The strains used in this study are listed in Table 1 and have been deposited in the Collection de Souches de l’Institut Pasteur (CIP, Paris, France) and the Culture Collection of the University of Göteborg (CCUG, Göteborg, Sweden). Isolation of these strains has been described previously (La Scola et al., 2000). All strains were subcultured routinely on BCYE agar plates (bioMérieux) at 30 °C as described previously (La Scola et al., 2000).
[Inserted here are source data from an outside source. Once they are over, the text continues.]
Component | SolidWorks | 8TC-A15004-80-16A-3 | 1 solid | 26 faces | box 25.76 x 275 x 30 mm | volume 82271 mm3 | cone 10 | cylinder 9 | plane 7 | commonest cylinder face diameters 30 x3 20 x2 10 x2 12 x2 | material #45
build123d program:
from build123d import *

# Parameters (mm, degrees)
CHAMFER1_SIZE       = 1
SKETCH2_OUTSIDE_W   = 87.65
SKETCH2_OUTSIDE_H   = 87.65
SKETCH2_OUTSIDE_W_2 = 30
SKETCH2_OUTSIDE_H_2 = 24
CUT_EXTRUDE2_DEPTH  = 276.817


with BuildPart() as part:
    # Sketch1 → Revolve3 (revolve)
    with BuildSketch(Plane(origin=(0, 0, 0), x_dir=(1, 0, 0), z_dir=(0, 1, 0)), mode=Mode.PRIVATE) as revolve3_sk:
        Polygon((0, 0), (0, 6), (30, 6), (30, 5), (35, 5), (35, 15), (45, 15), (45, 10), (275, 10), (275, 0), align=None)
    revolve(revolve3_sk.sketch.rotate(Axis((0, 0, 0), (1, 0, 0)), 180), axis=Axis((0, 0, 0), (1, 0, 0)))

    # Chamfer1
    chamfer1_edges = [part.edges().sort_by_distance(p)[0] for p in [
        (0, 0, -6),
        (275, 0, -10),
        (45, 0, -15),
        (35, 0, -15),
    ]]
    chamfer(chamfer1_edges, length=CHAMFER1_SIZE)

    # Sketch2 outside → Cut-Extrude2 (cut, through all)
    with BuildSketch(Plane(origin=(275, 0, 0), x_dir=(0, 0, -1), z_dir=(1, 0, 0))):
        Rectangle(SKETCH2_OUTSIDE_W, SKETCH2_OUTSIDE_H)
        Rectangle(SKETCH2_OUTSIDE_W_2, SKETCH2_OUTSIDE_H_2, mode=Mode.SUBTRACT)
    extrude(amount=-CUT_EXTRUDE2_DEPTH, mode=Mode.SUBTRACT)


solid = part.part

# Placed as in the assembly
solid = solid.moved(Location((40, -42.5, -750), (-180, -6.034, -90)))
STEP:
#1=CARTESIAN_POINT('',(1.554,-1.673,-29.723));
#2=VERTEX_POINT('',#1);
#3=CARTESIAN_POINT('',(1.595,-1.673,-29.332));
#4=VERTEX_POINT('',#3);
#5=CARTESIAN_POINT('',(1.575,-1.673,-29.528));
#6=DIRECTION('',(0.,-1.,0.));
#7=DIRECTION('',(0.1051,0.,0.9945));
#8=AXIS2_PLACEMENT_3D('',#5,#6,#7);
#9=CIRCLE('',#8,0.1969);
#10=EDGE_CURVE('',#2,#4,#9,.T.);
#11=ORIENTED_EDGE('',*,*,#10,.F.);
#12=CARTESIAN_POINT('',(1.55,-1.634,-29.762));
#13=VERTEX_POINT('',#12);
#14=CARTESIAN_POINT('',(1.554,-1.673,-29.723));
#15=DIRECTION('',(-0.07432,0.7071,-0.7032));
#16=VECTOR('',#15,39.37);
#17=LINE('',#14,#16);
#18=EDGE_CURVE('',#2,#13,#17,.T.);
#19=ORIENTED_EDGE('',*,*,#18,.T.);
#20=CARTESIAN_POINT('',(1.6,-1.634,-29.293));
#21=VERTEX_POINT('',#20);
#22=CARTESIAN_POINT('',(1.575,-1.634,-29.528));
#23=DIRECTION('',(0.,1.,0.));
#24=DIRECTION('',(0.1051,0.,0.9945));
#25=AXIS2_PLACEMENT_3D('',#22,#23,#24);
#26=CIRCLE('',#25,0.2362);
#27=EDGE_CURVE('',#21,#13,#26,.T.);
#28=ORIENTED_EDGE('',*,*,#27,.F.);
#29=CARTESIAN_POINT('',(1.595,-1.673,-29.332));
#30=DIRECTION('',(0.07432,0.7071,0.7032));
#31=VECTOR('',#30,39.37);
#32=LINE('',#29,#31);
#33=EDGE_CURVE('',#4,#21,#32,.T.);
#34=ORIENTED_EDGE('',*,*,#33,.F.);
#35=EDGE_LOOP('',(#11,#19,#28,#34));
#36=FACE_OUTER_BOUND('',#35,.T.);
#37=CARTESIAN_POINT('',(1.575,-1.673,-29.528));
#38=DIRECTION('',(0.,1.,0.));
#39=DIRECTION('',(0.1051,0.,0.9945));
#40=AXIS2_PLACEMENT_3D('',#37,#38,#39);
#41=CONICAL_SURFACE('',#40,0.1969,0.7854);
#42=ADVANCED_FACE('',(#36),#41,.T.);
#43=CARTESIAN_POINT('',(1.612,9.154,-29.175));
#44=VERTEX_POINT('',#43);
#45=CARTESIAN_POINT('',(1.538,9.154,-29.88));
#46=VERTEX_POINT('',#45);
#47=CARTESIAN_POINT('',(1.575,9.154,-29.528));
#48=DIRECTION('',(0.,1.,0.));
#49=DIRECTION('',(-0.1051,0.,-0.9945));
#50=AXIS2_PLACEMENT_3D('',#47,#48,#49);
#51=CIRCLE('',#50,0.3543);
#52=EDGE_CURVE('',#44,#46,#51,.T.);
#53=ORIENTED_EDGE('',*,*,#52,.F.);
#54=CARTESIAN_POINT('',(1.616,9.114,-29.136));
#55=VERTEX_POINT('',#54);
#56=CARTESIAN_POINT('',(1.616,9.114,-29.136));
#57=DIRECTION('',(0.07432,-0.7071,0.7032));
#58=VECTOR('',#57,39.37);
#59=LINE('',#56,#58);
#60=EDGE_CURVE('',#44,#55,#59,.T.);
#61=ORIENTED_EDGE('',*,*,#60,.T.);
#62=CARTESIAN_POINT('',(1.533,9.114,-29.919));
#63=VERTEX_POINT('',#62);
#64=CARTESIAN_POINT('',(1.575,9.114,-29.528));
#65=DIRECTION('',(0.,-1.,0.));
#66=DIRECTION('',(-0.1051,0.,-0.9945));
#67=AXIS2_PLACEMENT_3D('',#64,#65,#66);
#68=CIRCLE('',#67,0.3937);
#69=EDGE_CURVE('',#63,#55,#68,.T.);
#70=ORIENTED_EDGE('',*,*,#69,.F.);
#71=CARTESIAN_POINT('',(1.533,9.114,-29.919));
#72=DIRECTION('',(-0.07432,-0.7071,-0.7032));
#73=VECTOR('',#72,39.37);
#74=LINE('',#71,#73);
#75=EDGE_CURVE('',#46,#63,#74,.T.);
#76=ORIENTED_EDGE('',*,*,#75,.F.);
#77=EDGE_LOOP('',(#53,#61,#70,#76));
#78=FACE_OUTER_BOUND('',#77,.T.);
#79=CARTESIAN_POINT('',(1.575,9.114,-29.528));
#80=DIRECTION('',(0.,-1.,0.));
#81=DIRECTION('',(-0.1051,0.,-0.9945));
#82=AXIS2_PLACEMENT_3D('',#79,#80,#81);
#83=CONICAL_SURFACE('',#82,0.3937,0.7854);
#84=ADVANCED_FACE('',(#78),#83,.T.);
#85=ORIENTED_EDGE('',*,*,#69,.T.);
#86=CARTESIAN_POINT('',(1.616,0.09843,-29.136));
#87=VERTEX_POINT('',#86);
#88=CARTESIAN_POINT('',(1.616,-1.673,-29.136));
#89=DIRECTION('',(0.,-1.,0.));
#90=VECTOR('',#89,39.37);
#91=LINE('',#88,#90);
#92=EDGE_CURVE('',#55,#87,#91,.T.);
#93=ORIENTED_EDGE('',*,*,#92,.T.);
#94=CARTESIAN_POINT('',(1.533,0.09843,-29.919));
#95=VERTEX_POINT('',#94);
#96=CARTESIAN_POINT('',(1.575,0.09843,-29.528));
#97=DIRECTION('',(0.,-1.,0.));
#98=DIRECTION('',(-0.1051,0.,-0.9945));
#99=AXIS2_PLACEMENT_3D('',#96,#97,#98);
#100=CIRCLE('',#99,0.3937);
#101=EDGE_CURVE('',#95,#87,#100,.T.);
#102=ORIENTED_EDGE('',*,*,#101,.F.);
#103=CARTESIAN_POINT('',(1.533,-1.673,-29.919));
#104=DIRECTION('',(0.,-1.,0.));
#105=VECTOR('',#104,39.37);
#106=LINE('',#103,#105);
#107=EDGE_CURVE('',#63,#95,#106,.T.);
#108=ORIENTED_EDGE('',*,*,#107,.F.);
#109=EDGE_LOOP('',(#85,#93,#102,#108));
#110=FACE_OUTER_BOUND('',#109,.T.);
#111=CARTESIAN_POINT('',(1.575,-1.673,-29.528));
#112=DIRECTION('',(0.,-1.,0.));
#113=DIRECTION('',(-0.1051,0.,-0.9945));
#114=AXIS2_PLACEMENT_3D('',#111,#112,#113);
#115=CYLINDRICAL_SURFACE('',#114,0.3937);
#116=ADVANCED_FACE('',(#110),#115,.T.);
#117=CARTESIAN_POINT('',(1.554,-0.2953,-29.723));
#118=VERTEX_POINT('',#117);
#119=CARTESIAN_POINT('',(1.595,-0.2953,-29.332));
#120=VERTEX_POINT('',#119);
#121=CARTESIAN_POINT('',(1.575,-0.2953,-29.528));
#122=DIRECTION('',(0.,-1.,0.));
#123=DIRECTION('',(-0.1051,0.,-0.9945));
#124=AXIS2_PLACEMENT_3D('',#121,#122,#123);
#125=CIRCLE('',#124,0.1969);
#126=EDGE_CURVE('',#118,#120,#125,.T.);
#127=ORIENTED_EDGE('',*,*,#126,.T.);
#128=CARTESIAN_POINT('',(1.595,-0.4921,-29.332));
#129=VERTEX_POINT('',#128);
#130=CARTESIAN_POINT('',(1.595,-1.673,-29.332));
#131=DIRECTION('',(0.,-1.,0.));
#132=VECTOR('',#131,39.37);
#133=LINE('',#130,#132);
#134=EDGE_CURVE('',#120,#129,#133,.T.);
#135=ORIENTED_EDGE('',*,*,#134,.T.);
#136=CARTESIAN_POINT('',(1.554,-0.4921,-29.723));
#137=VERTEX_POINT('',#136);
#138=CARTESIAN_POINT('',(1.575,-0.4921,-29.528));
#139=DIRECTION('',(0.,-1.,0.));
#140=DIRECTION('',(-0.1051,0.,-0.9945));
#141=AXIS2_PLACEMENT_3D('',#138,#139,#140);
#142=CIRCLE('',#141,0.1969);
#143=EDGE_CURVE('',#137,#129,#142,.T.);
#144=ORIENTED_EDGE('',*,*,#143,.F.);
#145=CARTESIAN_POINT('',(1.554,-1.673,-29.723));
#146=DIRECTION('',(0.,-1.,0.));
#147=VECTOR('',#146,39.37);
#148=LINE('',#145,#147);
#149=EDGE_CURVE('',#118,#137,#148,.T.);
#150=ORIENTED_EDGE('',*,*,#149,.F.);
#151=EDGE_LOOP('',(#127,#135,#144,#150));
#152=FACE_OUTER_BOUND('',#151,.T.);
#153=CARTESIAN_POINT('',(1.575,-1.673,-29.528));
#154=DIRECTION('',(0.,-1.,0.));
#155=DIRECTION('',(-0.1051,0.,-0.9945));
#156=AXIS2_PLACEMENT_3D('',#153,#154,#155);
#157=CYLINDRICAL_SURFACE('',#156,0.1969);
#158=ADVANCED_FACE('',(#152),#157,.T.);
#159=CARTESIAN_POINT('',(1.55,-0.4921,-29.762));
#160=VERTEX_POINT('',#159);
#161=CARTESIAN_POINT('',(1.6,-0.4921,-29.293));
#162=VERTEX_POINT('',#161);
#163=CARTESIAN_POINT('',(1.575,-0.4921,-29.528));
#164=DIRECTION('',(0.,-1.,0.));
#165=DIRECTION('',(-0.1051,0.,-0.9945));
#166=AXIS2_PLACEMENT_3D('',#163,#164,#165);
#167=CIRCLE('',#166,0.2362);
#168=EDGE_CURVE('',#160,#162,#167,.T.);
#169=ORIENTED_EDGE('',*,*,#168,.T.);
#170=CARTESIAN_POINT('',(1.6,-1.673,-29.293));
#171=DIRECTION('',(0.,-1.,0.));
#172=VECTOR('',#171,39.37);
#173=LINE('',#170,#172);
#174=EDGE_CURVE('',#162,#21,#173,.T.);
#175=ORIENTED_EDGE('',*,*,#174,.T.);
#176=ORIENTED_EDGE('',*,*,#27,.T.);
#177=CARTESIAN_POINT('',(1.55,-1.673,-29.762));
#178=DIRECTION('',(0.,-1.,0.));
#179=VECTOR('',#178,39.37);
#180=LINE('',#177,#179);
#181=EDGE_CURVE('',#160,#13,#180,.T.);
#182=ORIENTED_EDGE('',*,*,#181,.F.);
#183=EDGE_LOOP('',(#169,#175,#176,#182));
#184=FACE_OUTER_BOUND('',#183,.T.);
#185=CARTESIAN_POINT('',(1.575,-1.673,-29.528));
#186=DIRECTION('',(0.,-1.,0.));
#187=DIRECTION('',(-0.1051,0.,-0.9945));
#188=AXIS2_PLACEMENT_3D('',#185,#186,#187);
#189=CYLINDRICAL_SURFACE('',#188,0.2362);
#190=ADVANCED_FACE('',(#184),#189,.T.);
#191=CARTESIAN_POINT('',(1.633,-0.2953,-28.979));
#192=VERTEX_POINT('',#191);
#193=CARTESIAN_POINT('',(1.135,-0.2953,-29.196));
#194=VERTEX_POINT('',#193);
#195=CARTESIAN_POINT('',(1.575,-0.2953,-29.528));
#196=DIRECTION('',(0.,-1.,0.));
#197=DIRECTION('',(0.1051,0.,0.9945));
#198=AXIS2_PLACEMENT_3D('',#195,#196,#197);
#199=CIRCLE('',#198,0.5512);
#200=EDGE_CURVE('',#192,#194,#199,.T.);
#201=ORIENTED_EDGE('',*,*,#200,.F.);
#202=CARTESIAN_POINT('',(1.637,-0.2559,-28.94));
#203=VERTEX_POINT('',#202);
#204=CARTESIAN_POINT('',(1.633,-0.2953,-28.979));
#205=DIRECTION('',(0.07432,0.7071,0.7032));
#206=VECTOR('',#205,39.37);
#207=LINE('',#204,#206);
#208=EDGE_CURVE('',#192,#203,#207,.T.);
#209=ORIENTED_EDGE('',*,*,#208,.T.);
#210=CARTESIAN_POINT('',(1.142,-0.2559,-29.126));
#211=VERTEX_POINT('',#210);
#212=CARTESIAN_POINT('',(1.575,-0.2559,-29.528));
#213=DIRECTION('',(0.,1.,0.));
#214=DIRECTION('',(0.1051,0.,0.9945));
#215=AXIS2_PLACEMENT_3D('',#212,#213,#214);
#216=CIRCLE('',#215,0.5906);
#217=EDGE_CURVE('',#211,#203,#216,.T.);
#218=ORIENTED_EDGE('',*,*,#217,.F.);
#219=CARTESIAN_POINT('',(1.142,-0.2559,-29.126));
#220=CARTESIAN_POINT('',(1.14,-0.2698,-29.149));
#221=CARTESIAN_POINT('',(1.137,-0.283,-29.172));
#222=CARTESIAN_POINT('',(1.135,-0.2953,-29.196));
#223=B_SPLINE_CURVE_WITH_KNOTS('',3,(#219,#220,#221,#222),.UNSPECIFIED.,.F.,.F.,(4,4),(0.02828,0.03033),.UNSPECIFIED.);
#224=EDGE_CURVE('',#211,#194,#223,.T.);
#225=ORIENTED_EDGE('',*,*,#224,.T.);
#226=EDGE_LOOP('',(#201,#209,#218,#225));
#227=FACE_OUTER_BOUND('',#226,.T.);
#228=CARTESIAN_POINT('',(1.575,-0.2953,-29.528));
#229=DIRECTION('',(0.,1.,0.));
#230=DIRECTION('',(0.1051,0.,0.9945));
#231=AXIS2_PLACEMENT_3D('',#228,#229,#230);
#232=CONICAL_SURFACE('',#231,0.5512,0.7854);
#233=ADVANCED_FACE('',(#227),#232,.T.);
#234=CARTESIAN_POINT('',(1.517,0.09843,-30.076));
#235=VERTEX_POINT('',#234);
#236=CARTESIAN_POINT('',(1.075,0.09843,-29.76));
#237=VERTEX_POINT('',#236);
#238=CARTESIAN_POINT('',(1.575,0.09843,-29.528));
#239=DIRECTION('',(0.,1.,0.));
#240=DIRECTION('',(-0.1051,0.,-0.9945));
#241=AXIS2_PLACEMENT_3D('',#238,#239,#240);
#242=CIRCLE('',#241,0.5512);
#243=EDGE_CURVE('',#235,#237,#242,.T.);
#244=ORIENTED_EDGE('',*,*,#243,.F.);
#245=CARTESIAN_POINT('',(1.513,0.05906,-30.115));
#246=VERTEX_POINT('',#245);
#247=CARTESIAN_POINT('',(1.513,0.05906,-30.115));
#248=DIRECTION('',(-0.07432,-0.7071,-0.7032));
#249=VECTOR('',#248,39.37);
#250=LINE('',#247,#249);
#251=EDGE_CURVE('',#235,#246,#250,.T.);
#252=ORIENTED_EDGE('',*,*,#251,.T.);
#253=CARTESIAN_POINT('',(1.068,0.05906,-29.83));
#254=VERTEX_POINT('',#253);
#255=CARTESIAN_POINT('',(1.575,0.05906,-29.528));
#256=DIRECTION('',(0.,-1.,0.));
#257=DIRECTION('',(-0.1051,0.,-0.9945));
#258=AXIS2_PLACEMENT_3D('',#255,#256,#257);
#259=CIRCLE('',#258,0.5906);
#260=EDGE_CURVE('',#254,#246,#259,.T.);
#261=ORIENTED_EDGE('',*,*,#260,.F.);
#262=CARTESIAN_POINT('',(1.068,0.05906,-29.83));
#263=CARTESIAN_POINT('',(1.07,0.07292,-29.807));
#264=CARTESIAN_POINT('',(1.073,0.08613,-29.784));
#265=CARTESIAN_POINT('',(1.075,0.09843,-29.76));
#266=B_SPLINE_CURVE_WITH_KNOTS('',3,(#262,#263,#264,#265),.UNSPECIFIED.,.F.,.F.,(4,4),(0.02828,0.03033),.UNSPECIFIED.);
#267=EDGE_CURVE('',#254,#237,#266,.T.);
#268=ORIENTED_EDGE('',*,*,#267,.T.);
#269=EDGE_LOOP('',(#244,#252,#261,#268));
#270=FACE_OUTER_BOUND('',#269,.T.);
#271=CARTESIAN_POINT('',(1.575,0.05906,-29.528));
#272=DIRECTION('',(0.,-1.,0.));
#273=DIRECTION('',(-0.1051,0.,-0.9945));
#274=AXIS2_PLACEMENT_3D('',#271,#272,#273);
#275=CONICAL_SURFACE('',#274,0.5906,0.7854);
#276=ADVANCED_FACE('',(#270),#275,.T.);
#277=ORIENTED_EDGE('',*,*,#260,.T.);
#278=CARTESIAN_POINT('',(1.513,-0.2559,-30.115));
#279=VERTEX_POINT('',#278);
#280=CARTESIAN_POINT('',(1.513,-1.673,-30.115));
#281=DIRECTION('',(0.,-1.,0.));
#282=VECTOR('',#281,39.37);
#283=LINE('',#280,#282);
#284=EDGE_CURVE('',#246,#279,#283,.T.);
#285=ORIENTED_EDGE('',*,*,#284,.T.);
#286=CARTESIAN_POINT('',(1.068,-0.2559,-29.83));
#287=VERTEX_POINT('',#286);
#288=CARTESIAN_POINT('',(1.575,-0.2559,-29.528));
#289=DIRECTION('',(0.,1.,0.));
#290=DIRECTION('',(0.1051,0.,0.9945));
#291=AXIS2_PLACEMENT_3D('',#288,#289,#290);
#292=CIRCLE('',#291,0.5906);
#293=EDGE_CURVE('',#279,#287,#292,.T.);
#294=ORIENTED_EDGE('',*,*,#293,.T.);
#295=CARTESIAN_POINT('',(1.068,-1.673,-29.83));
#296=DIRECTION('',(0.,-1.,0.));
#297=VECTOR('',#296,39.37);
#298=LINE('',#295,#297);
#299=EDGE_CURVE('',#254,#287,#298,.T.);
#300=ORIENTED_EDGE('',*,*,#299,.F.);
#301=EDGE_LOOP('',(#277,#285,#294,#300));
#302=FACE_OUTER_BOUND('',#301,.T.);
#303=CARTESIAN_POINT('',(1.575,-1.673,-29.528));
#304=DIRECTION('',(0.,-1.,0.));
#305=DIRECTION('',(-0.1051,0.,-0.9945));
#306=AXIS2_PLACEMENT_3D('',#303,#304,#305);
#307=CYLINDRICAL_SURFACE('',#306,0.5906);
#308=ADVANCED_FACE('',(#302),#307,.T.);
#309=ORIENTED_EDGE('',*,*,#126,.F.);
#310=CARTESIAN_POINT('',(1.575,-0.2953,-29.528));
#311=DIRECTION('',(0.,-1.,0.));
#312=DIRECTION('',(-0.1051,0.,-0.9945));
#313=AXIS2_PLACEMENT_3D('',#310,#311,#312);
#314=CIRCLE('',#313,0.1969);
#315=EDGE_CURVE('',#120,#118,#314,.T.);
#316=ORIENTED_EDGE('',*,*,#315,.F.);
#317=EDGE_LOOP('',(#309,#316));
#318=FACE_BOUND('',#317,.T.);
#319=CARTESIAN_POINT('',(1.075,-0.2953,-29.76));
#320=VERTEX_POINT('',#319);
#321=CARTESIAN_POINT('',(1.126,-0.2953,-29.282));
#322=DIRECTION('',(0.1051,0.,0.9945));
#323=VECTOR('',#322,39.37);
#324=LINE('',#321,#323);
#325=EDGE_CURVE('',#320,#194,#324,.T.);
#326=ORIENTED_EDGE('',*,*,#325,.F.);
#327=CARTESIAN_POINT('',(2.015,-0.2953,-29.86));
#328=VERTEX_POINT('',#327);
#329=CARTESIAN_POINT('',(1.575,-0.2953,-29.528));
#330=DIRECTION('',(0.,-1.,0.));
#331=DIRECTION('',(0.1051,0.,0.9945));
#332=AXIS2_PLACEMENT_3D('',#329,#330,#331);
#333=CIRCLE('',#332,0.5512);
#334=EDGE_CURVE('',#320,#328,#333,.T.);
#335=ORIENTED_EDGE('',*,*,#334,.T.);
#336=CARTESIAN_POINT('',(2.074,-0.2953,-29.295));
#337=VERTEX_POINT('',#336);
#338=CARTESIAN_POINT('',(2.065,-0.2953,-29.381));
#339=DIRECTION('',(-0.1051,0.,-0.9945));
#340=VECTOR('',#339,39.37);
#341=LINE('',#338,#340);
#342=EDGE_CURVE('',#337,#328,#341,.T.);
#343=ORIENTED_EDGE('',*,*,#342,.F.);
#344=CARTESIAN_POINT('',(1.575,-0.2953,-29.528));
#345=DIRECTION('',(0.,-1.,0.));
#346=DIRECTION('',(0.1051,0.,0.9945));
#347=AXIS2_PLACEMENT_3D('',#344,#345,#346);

Antimicrobial susceptibility testing.
The strains were grown for 72–96 h on BCYE agar prior to testing. Antibiotic susceptibility testing was performed using a micro broth-dilution method in NB. For testing of susceptibility to cotrimoxazole, 5 % lysed horse blood was added to the broth. The final inoculum for all broth tests contained between 1x10⁵ and 5x10⁵ c.f.u. ml^-1. The plates were incubated at 30 °C and read between 72 and 96 h. Escherichia coli (ATCC 25922) and Enterococcus faecalis (ATCC 29212) were used as controls.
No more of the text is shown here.